Marcus hung up and stared at his phone till Dana’s text arrived. For the next twenty minutes Marcus read the list over and over again, and the light inside him exploded.
“ . . . the past is over; the future has begun.” He finished the list for the seventh time and closed his eyes. So much weight had risen off his shoulders, he was surprised he wasn’t floating up to the top of the Douglas fir trees in his backyard.
Freedom like he’d never known swirled about him and all he could say was, “Thank you.”
The screen door squeaked again. “I’m sorry to interrupt, but the girls just went to bed if you want to come say good night.”
Marcus waited for the words to fly across his mental screen—“You missed so many times of saying good night that will never come again!”—and lance him with guilt. But when they came, no pain came with them. No guilt. No regret.
His friends had made it inside—fought for him, set him free. He grinned at Kat as he reached out his arms and walked toward her. She stepped into his arms and he hugged her tight, then released her, took her hand, and stared up at the diamonds in the night sky. “I would love to come say good night.”
“Your face tells me you’ve had quite an experience since I checked on you last time. Am I going to have to become a believer in your new wild and wonderful methods?”

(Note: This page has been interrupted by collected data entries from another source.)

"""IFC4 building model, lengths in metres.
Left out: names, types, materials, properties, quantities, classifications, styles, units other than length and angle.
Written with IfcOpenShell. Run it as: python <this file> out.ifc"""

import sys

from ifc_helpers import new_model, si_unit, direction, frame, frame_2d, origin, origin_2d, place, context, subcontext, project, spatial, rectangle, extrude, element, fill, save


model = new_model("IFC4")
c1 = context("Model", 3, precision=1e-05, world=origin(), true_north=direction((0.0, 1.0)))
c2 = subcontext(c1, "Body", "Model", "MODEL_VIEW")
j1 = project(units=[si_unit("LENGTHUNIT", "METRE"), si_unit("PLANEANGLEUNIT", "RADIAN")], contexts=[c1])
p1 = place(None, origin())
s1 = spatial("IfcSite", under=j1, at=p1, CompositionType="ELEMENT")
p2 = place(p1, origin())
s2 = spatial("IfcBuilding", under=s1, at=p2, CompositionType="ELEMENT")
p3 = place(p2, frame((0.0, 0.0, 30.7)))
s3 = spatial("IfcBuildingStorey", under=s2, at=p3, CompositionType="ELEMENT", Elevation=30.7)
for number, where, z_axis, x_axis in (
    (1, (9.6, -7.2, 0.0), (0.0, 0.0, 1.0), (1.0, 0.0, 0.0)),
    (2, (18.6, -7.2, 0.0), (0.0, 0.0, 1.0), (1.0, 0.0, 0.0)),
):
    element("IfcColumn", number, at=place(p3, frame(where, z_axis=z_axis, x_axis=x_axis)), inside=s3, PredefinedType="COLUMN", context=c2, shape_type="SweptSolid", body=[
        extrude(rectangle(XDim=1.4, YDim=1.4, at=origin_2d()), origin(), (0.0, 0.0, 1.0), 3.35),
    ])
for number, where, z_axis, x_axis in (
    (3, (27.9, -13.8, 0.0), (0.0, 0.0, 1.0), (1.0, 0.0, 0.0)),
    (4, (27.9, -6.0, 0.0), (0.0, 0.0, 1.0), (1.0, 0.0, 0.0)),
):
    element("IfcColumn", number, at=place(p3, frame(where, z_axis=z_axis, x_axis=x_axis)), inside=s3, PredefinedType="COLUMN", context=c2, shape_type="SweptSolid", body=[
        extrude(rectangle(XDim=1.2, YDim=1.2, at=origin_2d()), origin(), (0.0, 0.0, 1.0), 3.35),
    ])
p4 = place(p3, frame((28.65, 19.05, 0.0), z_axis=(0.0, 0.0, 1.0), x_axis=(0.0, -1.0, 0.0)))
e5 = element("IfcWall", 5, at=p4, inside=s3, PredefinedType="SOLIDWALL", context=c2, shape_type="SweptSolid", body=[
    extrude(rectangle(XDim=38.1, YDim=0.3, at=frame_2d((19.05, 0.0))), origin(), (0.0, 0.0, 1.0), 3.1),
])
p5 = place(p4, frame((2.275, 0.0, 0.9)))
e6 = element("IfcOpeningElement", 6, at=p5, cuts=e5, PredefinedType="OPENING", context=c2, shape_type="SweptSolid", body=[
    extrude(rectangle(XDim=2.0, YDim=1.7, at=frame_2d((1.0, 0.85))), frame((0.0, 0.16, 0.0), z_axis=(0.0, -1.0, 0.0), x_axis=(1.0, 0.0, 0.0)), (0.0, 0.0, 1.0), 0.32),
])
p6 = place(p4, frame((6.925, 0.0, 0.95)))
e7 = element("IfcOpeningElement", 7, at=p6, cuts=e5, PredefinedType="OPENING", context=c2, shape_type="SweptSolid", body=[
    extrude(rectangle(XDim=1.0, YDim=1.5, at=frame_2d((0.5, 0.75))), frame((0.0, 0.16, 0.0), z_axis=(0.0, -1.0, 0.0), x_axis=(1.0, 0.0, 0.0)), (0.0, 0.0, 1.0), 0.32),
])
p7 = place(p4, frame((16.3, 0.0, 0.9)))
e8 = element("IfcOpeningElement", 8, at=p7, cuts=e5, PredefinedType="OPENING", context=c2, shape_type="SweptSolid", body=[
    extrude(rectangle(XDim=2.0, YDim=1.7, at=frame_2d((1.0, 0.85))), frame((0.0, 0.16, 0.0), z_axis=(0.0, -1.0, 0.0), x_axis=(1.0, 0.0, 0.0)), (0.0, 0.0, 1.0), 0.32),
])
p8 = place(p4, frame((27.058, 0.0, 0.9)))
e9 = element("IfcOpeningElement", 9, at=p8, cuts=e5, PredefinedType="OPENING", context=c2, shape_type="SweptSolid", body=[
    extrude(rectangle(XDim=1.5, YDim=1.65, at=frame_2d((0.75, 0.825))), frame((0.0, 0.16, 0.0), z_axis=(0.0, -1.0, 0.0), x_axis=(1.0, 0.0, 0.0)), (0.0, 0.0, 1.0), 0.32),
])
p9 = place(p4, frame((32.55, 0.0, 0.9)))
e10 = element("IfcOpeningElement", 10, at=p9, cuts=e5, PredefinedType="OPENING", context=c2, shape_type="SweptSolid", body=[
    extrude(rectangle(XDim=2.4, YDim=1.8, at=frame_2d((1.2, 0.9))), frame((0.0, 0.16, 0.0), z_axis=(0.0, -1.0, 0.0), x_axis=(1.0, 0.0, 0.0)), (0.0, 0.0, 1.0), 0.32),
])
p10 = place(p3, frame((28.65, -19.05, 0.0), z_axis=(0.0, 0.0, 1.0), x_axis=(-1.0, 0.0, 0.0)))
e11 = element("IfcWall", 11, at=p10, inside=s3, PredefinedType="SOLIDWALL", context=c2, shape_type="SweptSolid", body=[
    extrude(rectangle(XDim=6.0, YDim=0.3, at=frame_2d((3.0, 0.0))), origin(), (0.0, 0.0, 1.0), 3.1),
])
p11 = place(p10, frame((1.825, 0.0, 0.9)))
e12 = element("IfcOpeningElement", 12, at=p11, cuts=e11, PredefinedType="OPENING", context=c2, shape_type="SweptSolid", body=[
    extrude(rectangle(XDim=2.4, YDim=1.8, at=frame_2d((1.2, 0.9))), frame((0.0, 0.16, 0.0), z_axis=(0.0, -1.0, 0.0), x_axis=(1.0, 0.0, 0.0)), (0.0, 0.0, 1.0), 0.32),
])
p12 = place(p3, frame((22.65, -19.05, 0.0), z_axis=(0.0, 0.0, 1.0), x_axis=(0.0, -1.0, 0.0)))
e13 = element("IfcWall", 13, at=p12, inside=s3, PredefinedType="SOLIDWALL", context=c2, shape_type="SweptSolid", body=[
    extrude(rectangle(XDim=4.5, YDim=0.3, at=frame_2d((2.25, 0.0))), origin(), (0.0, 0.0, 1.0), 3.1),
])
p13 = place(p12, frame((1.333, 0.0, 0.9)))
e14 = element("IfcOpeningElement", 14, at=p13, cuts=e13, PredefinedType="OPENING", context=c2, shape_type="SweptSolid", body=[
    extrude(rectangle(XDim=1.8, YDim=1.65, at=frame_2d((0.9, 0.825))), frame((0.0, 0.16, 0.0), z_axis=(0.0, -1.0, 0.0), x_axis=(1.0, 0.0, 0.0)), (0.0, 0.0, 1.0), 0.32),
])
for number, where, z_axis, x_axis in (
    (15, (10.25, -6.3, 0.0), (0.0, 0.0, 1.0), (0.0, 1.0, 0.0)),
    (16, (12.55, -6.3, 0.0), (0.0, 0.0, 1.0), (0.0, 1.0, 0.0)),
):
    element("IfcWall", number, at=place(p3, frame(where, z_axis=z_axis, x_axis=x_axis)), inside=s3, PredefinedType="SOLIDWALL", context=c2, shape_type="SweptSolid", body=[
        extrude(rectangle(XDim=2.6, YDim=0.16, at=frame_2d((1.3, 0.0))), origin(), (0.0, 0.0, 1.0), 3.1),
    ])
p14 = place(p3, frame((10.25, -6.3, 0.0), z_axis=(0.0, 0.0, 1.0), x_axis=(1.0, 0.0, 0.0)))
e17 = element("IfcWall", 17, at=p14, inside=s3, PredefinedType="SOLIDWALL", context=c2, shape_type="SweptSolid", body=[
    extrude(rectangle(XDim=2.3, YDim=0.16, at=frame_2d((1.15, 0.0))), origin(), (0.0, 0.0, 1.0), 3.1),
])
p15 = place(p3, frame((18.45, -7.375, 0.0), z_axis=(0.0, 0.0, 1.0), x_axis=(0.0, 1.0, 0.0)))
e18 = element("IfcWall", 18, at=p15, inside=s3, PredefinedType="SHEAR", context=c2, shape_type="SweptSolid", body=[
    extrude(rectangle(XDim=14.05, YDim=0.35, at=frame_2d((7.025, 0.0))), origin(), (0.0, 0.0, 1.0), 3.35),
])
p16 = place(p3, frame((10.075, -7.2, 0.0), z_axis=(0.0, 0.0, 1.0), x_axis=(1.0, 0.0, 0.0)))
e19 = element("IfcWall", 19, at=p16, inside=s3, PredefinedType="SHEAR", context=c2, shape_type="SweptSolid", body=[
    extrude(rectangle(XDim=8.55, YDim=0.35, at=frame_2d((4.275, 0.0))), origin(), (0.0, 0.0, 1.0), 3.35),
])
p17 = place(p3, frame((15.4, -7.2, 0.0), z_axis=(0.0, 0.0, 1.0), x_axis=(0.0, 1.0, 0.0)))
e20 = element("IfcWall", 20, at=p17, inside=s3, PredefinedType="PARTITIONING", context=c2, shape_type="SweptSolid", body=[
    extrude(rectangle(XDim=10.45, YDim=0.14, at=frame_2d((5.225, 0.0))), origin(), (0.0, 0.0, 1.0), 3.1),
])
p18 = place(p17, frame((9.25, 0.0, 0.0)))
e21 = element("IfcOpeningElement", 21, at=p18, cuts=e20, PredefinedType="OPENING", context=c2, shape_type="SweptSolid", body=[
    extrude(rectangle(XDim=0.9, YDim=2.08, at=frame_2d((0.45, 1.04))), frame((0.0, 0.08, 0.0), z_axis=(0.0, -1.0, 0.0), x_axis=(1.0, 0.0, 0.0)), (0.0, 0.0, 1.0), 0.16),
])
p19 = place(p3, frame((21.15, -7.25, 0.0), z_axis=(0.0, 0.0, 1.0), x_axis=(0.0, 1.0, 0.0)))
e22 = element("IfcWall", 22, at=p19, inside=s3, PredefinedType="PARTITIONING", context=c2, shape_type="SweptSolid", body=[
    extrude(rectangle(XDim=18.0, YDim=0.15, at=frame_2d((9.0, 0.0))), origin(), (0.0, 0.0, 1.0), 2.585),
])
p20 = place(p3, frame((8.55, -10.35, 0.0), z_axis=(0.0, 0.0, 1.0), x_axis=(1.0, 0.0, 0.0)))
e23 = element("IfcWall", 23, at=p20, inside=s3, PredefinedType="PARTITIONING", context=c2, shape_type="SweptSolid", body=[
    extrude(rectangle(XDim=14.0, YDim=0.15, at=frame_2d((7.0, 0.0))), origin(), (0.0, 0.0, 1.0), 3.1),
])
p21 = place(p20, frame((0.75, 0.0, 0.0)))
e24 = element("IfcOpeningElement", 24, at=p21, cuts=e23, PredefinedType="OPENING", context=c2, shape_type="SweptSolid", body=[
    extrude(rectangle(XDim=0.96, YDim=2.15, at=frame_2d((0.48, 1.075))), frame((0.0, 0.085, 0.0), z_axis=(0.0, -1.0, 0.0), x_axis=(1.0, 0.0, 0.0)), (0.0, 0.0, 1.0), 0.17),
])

He turned and looked deep into her eyes. “I’ve become a good father.”
She stared at him for a long time, a smile growing on her face. “Yes, you have. A great father.” Kat wrapped her arms around his waist and laid her head on his shoulder. “And a great husband.”
That night Marcus dreamed of bridges and weights and sunlight and freedom, and he didn’t want the dream to end.